CCleaner (http://www.ccleaner.com/) is a free PC optimization utility that not only cleans the registry but also manages Windows components (file cache, recycle bin, temporary files, and more). It also features its own Uninstaller menu, thereby allowing you to maintain your collection of software, too. CCleaner can be set to run on startup or manually. You can either click Analyze, to see what will be removed before deleting any files, or Run Cleaner, which will analyze and clean all in one process.

How to prevent registry problems
You can avoid registry problems by following a few basic guidelines. The following is not a complete list of preventive measures, but will help you avoid a majority of registry-related problems.

  • Shut down your Windows PC with the standard [start] -> shut down procedure. Interrupting this procedure by a “forced shutdown” may corrupt the registry because Windows frequently writes to the registry at this time. A forced shutdown may result in the addition of a partially written file to the registry. The next time you turn on your computer, you may see signs of corruption. Laptop/notebook users should take heed when the battery is low and shut down immediately. The shutdown procedure often requires a lot of hard disk access and, therefore, power. Some laptops immediately cut power in the event of extremely low battery power.
  • Uninstall unwanted software or hardware with the vendor’s uninstall program. If an uninstaller did not come with your software, you may also use the standard Windows uninstaller, which is located in System -> Add/Remove Programs.
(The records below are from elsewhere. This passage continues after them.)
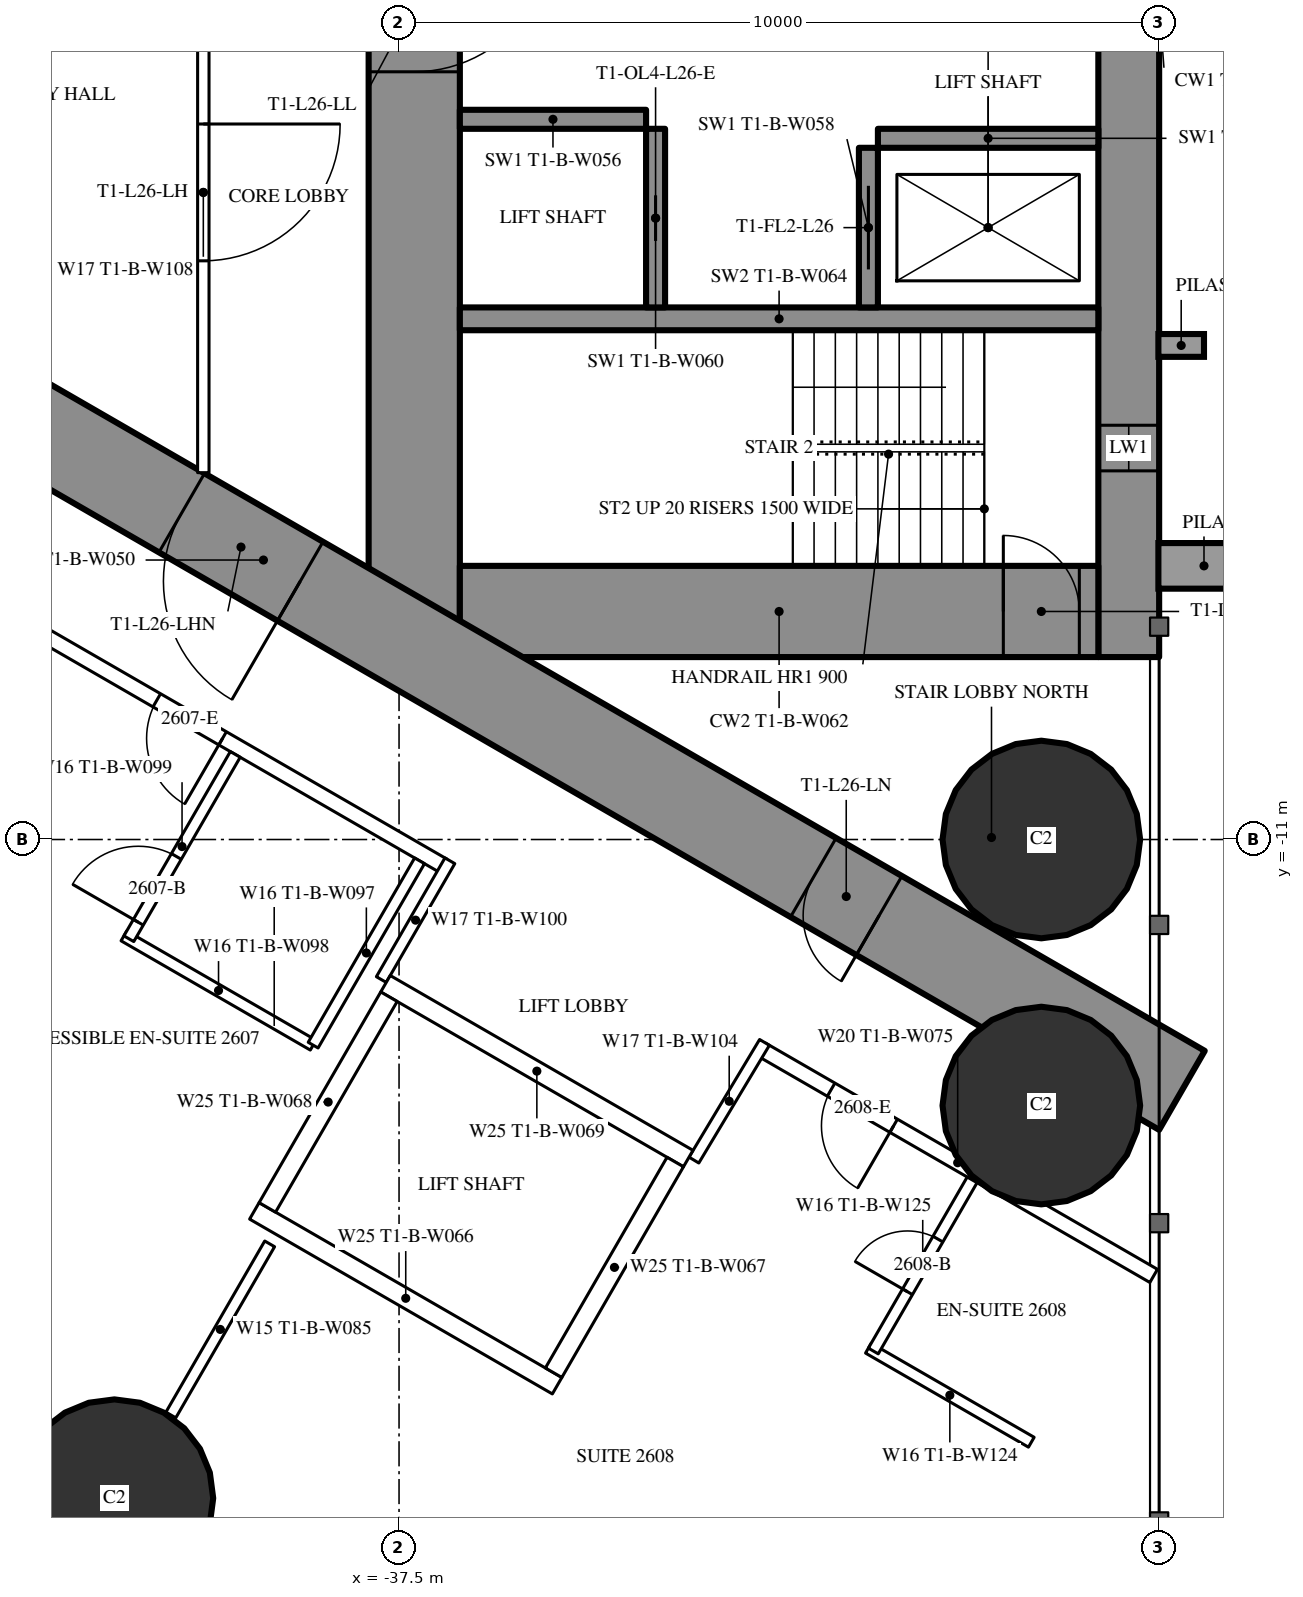
"""IFC4 building model, lengths in metres.
Left out: names, types, materials, properties, quantities, classifications, styles, units other than length and angle.
Written with IfcOpenShell. Run it as: python <this file> out.ifc"""

import sys

from ifc_helpers import new_model, si_unit, direction, frame, frame_2d, origin, origin_2d, place, context, subcontext, project, spatial, rectangle, hollow_circle, extrude, element, fill, save


model = new_model("IFC4")
c1 = context("Model", 3, precision=1e-05, world=origin(), true_north=direction((0.0, 1.0)))
c2 = subcontext(c1, "Body", "Model", "MODEL_VIEW")
j1 = project(units=[si_unit("LENGTHUNIT", "METRE"), si_unit("PLANEANGLEUNIT", "RADIAN")], contexts=[c1])
p1 = place(None, origin())
s1 = spatial("IfcSite", under=j1, at=p1, CompositionType="ELEMENT")
p2 = place(p1, origin())
s2 = spatial("IfcBuilding", under=s1, at=p2, CompositionType="ELEMENT")
p3 = place(p2, frame((0.0, 0.0, 101.1)))
s3 = spatial("IfcBuildingStorey", under=s2, at=p3, CompositionType="ELEMENT", Elevation=101.1)
for number, where, z_axis, x_axis in (
    (1, (-29.05, -11.0, 0.0), (0.0, 0.0, 1.0), (1.0, 0.0, 0.0)),
    (2, (-29.05, -14.5, 0.0), (0.0, 0.0, 1.0), (1.0, 0.0, 0.0)),
    (3, (-41.245, -19.666, 0.0), (0.0, 0.0, 1.0), (1.0, 0.0, 0.0)),
):
    element("IfcColumn", number, at=place(p3, frame(where, z_axis=z_axis, x_axis=x_axis)), inside=s3, PredefinedType="COLUMN", context=c2, shape_type="SweptSolid", body=[
        extrude(hollow_circle(Radius=1.3, WallThickness=0.1, at=origin_2d()), origin(), (0.0, 0.0, 1.0), 3.5),
    ])
p4 = place(p3, frame((-27.9, 8.6, 0.0), z_axis=(0.0, 0.0, 1.0), x_axis=(0.0, -1.0, 0.0)))
e4 = element("IfcWall", 4, at=p4, inside=s3, PredefinedType="SHEAR", context=c2, shape_type="SweptSolid", body=[
    extrude(rectangle(XDim=17.2, YDim=0.8, at=frame_2d((8.6, 0.0))), origin(), (0.0, 0.0, 1.0), 3.5),
])
p5 = place(p4, frame((2.45, 0.0, 0.6)))
e5 = element("IfcOpeningElement", 5, at=p5, cuts=e4, PredefinedType="OPENING", context=c2, shape_type="SweptSolid", body=[
    extrude(rectangle(XDim=0.6, YDim=2.1, at=frame_2d((0.3, 1.05))), frame((0.0, 0.41, 0.0), z_axis=(0.0, -1.0, 0.0), x_axis=(1.0, 0.0, 0.0)), (0.0, 0.0, 1.0), 0.82),
])
p6 = place(p4, frame((14.15, 0.0, 0.6)))
e6 = element("IfcOpeningElement", 6, at=p6, cuts=e4, PredefinedType="OPENING", context=c2, shape_type="SweptSolid", body=[
    extrude(rectangle(XDim=0.6, YDim=2.1, at=frame_2d((0.3, 1.05))), frame((0.0, 0.41, 0.0), z_axis=(0.0, -1.0, 0.0), x_axis=(1.0, 0.0, 0.0)), (0.0, 0.0, 1.0), 0.82),
])
p7 = place(p3, frame((-37.3, 8.6, 0.0), z_axis=(0.0, 0.0, 1.0), x_axis=(0.0, -1.0, 0.0)))
e7 = element("IfcWall", 7, at=p7, inside=s3, PredefinedType="SHEAR", context=c2, shape_type="SweptSolid", body=[
    extrude(rectangle(XDim=17.2, YDim=1.2, at=frame_2d((8.6, 0.0))), origin(), (0.0, 0.0, 1.0), 3.5),
])
p8 = place(p7, frame((7.7, 0.0, 0.0)))
e8 = element("IfcOpeningElement", 8, at=p8, cuts=e7, PredefinedType="OPENING", context=c2, shape_type="SweptSolid", body=[
    extrude(rectangle(XDim=1.8, YDim=2.2, at=frame_2d((0.9, 1.1))), frame((0.0, 0.61, 0.0), z_axis=(0.0, -1.0, 0.0), x_axis=(1.0, 0.0, 0.0)), (0.0, 0.0, 1.0), 1.22),
])
p9 = place(p3, frame((-28.3, -8.0, 0.0), z_axis=(0.0, 0.0, 1.0), x_axis=(-1.0, 0.0, 0.0)))
e9 = element("IfcWall", 9, at=p9, inside=s3, PredefinedType="SHEAR", context=c2, shape_type="SweptSolid", body=[
    extrude(rectangle(XDim=8.4, YDim=1.2, at=frame_2d((4.2, 0.0))), origin(), (0.0, 0.0, 1.0), 3.5),
])
p10 = place(p9, frame((0.25, 0.0, 0.0)))
e10 = element("IfcOpeningElement", 10, at=p10, cuts=e9, PredefinedType="OPENING", context=c2, shape_type="SweptSolid", body=[
    extrude(rectangle(XDim=1.0, YDim=2.2, at=frame_2d((0.5, 1.1))), frame((0.0, 0.61, 0.0), z_axis=(0.0, -1.0, 0.0), x_axis=(1.0, 0.0, 0.0)), (0.0, 0.0, 1.0), 1.22),
])
p11 = place(p3, frame((-28.3, -4.15, 0.0), z_axis=(0.0, 0.0, 1.0), x_axis=(-1.0, 0.0, 0.0)))
e11 = element("IfcWall", 11, at=p11, inside=s3, PredefinedType="SHEAR", context=c2, shape_type="SweptSolid", body=[
    extrude(rectangle(XDim=8.4, YDim=0.3, at=frame_2d((4.2, 0.0))), origin(), (0.0, 0.0, 1.0), 3.5),
])
p12 = place(p3, frame((-31.325, -1.9, 0.0), z_axis=(0.0, 0.0, 1.0), x_axis=(0.0, -1.0, 0.0)))
e12 = element("IfcWall", 12, at=p12, inside=s3, PredefinedType="SHEAR", context=c2, shape_type="SweptSolid", body=[
    extrude(rectangle(XDim=2.1, YDim=0.25, at=frame_2d((1.05, 0.0))), origin(), (0.0, 0.0, 1.0), 3.5),
])
p13 = place(p12, frame((0.5, 0.0, 0.0)))
e13 = element("IfcOpeningElement", 13, at=p13, cuts=e12, PredefinedType="OPENING", context=c2, shape_type="SweptSolid", body=[
    extrude(rectangle(XDim=1.1, YDim=2.2, at=frame_2d((0.55, 1.1))), frame((0.0, 0.135, 0.0), z_axis=(0.0, -1.0, 0.0), x_axis=(1.0, 0.0, 0.0)), (0.0, 0.0, 1.0), 0.27),
])
p14 = place(p3, frame((-34.125, -1.65, 0.0), z_axis=(0.0, 0.0, 1.0), x_axis=(0.0, -1.0, 0.0)))
e14 = element("IfcWall", 14, at=p14, inside=s3, PredefinedType="SHEAR", context=c2, shape_type="SweptSolid", body=[
    extrude(rectangle(XDim=2.35, YDim=0.25, at=frame_2d((1.175, 0.0))), origin(), (0.0, 0.0, 1.0), 3.5),
])
p15 = place(p14, frame((0.875, 0.0, 0.0)))
e15 = element("IfcOpeningElement", 15, at=p15, cuts=e14, PredefinedType="OPENING", context=c2, shape_type="SweptSolid", body=[
    extrude(rectangle(XDim=0.6, YDim=2.0, at=frame_2d((0.3, 1.0))), frame((0.0, 0.135, 0.0), z_axis=(0.0, -1.0, 0.0), x_axis=(1.0, 0.0, 0.0)), (0.0, 0.0, 1.0), 0.27),
])
p16 = place(p3, frame((-28.3, -1.775, 0.0), z_axis=(0.0, 0.0, 1.0), x_axis=(-1.0, 0.0, 0.0)))
e16 = element("IfcWall", 16, at=p16, inside=s3, PredefinedType="SHEAR", context=c2, shape_type="SweptSolid", body=[
    extrude(rectangle(XDim=2.9, YDim=0.25, at=frame_2d((1.45, 0.0))), origin(), (0.0, 0.0, 1.0), 3.5),
])
p17 = place(p3, frame((-34.25, -1.525, 0.0), z_axis=(0.0, 0.0, 1.0), x_axis=(-1.0, 0.0, 0.0)))
e17 = element("IfcWall", 17, at=p17, inside=s3, PredefinedType="SHEAR", context=c2, shape_type="SweptSolid", body=[
    extrude(rectangle(XDim=2.45, YDim=0.25, at=frame_2d((1.225, 0.0))), origin(), (0.0, 0.0, 1.0), 3.5),
])
p18 = place(p3, frame((-27.2, 14.3, 0.0), z_axis=(0.0, 0.0, 1.0), x_axis=(-0.866026593062, -0.499997940104, 0.0)))
e18 = element("IfcWall", 18, at=p18, inside=s3, PredefinedType="SHEAR", context=c2, shape_type="SweptSolid", body=[
    extrude(rectangle(XDim=28.946, YDim=1.2, at=frame_2d((14.473, 0.0))), origin(), (0.0, 0.0, 1.0), 3.5),
])
p19 = place(p18, frame((4.6, 0.0, 0.0)))
e19 = element("IfcOpeningElement", 19, at=p19, cuts=e18, PredefinedType="OPENING", context=c2, shape_type="SweptSolid", body=[
    extrude(rectangle(XDim=1.0, YDim=2.2, at=frame_2d((0.5, 1.1))), frame((0.0, 0.61, 0.0), z_axis=(0.0, -1.0, 0.0), x_axis=(1.0, 0.0, 0.0)), (0.0, 0.0, 1.0), 1.22),
])
p20 = place(p18, frame((13.395, 0.0, 0.0)))
e20 = element("IfcOpeningElement", 20, at=p20, cuts=e18, PredefinedType="OPENING", context=c2, shape_type="SweptSolid", body=[
    extrude(rectangle(XDim=1.8, YDim=2.2, at=frame_2d((0.9, 1.1))), frame((0.0, 0.61, 0.0), z_axis=(0.0, -1.0, 0.0), x_axis=(1.0, 0.0, 0.0)), (0.0, 0.0, 1.0), 1.22),
])
p21 = place(p3, frame((-27.2, -14.3, 0.0), z_axis=(0.0, 0.0, 1.0), x_axis=(-0.866024021859, 0.500002393557, 0.0)))
e21 = element("IfcWall", 21, at=p21, inside=s3, PredefinedType="SHEAR", context=c2, shape_type="SweptSolid", body=[
    extrude(rectangle(XDim=27.907, YDim=1.2, at=frame_2d((13.954, 0.0))), origin(), (0.0, 0.0, 1.0), 3.5),
])
p22 = place(p21, frame((4.6, 0.0, 0.0)))
e22 = element("IfcOpeningElement", 22, at=p22, cuts=e21, PredefinedType="OPENING", context=c2, shape_type="SweptSolid", body=[
    extrude(rectangle(XDim=1.0, YDim=2.2, at=frame_2d((0.5, 1.1))), frame((0.0, 0.61, 0.0), z_axis=(0.0, -1.0, 0.0), x_axis=(1.0, 0.0, 0.0)), (0.0, 0.0, 1.0), 1.22),
])
p23 = place(p21, frame((13.395, 0.0, 0.0)))
e23 = element("IfcOpeningElement", 23, at=p23, cuts=e21, PredefinedType="OPENING", context=c2, shape_type="SweptSolid", body=[
    extrude(rectangle(XDim=1.8, YDim=2.2, at=frame_2d((0.9, 1.1))), frame((0.0, 0.61, 0.0), z_axis=(0.0, -1.0, 0.0), x_axis=(1.0, 0.0, 0.0)), (0.0, 0.0, 1.0), 1.22),
])
p24 = place(p3, frame((-39.202, -16.32, 0.0), z_axis=(0.0, 0.0, 1.0), x_axis=(-0.49997716683, -0.86603858612, 0.0)))
e24 = element("IfcWall", 24, at=p24, inside=s3, PredefinedType="PARTITIONING", context=c2, shape_type="SweptSolid", body=[
    extrude(rectangle(XDim=2.6, YDim=0.15, at=frame_2d((1.3, 0.0))), origin(), (0.0, 0.0, 1.0), 3.25),
])
p25 = place(p3, frame((-27.572, -16.741, 0.0), z_axis=(0.0, 0.0, 1.0), x_axis=(-0.866024464444, 0.500001626982, 0.0)))
e25 = element("IfcWall", 25, at=p25, inside=s3, PredefinedType="PARTITIONING", context=c2, shape_type="SweptSolid", body=[
    extrude(rectangle(XDim=5.955, YDim=0.2, at=frame_2d((2.978, 0.0))), origin(), (0.0, 0.0, 1.0), 3.25),
])
p26 = place(p25, frame((3.95, 0.0, 0.0)))
e26 = element("IfcOpeningElement", 26, at=p26, cuts=e25, PredefinedType="OPENING", context=c2, shape_type="SweptSolid", body=[
    extrude(rectangle(XDim=0.95, YDim=2.2, at=frame_2d((0.475, 1.1))), frame((0.0, 0.11, 0.0), z_axis=(0.0, -1.0, 0.0), x_axis=(1.0, 0.0, 0.0)), (0.0, 0.0, 1.0), 0.22),
])
p27 = place(p3, frame((-36.92, -11.344, 0.0), z_axis=(0.0, 0.0, 1.0), x_axis=(-0.866028313256, 0.499994960614, 0.0)))
e27 = element("IfcWall", 27, at=p27, inside=s3, PredefinedType="PARTITIONING", context=c2, shape_type="SweptSolid", body=[
    extrude(rectangle(XDim=22.568, YDim=0.2, at=frame_2d((11.284, 0.0))), origin(), (0.0, 0.0, 1.0), 3.25),
])
p28 = place(p27, frame((21.018, 0.0, 0.0)))
e28 = element("IfcOpeningElement", 28, at=p28, cuts=e27, PredefinedType="OPENING", context=c2, shape_type="SweptSolid", body=[
    extrude(rectangle(XDim=0.95, YDim=2.2, at=frame_2d((0.475, 1.1))), frame((0.0, 0.11, 0.0), z_axis=(0.0, -1.0, 0.0), x_axis=(1.0, 0.0, 0.0)), (0.0, 0.0, 1.0), 0.22),
])
p29 = place(p27, frame((3.35, 0.0, 0.0)))
e29 = element("IfcOpeningElement", 29, at=p29, cuts=e27, PredefinedType="OPENING", context=c2, shape_type="SweptSolid", body=[
    extrude(rectangle(XDim=1.0, YDim=2.2, at=frame_2d((0.5, 1.1))), frame((0.0, 0.11, 0.0), z_axis=(0.0, -1.0, 0.0), x_axis=(1.0, 0.0, 0.0)), (0.0, 0.0, 1.0), 0.22),
])
p30 = place(p3, frame((-36.831, -11.28, 0.0), z_axis=(0.0, 0.0, 1.0), x_axis=(-0.499937177781, -0.866061671171, 0.0)))
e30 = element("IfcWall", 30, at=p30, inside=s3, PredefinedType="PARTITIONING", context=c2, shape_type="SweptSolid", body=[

Make sure you allow the Windows uninstaller to complete.
  • Do not interrupt software installation procedures or upgrade procedures by forcing the system to shut down. On rare occasions when the system hangs or freezes it is necessary to hold down the power button until the system completely shuts down. However, performing a forced-shutdown after normal operation is not recommended, and doing so during an installation or upgrade is asking for trouble.
  • Do not install drivers on top of drivers. If you are installing new drivers for a particular piece of hardware (a video card, for example), make sure to use an approved driver upgrade from the vendor. For example, installing non-standard monitor drivers alongside existing video card drivers from another vendor might cause problems.
  • If you absolutely must manually install software from another vendor to work in conjunction with existing hardware, ensure that you completely remove the old drivers before installing anything new. For example, if you would like to update drivers to support your new widescreen monitor, it is a good idea to remove the current driver (thereby setting the driver to “unknown monitor”) before installing the new ones.
  • Back up your registry occasionally, even during normal operating conditions, by using the methods described in the “How to fix registry problems” section.

If you frequently install and uninstall programs to try them out, it is a good idea to purchase a registry cleaning application and run it on a regular basis. If you are the organized type who regularly makes to-do lists for computer maintenance, you can put this task on the same schedule as the defragmentation process or a routine spyware check, for example. You may even notice that regular registry cleaning nets a significant increase in the speed and responsiveness of your computer.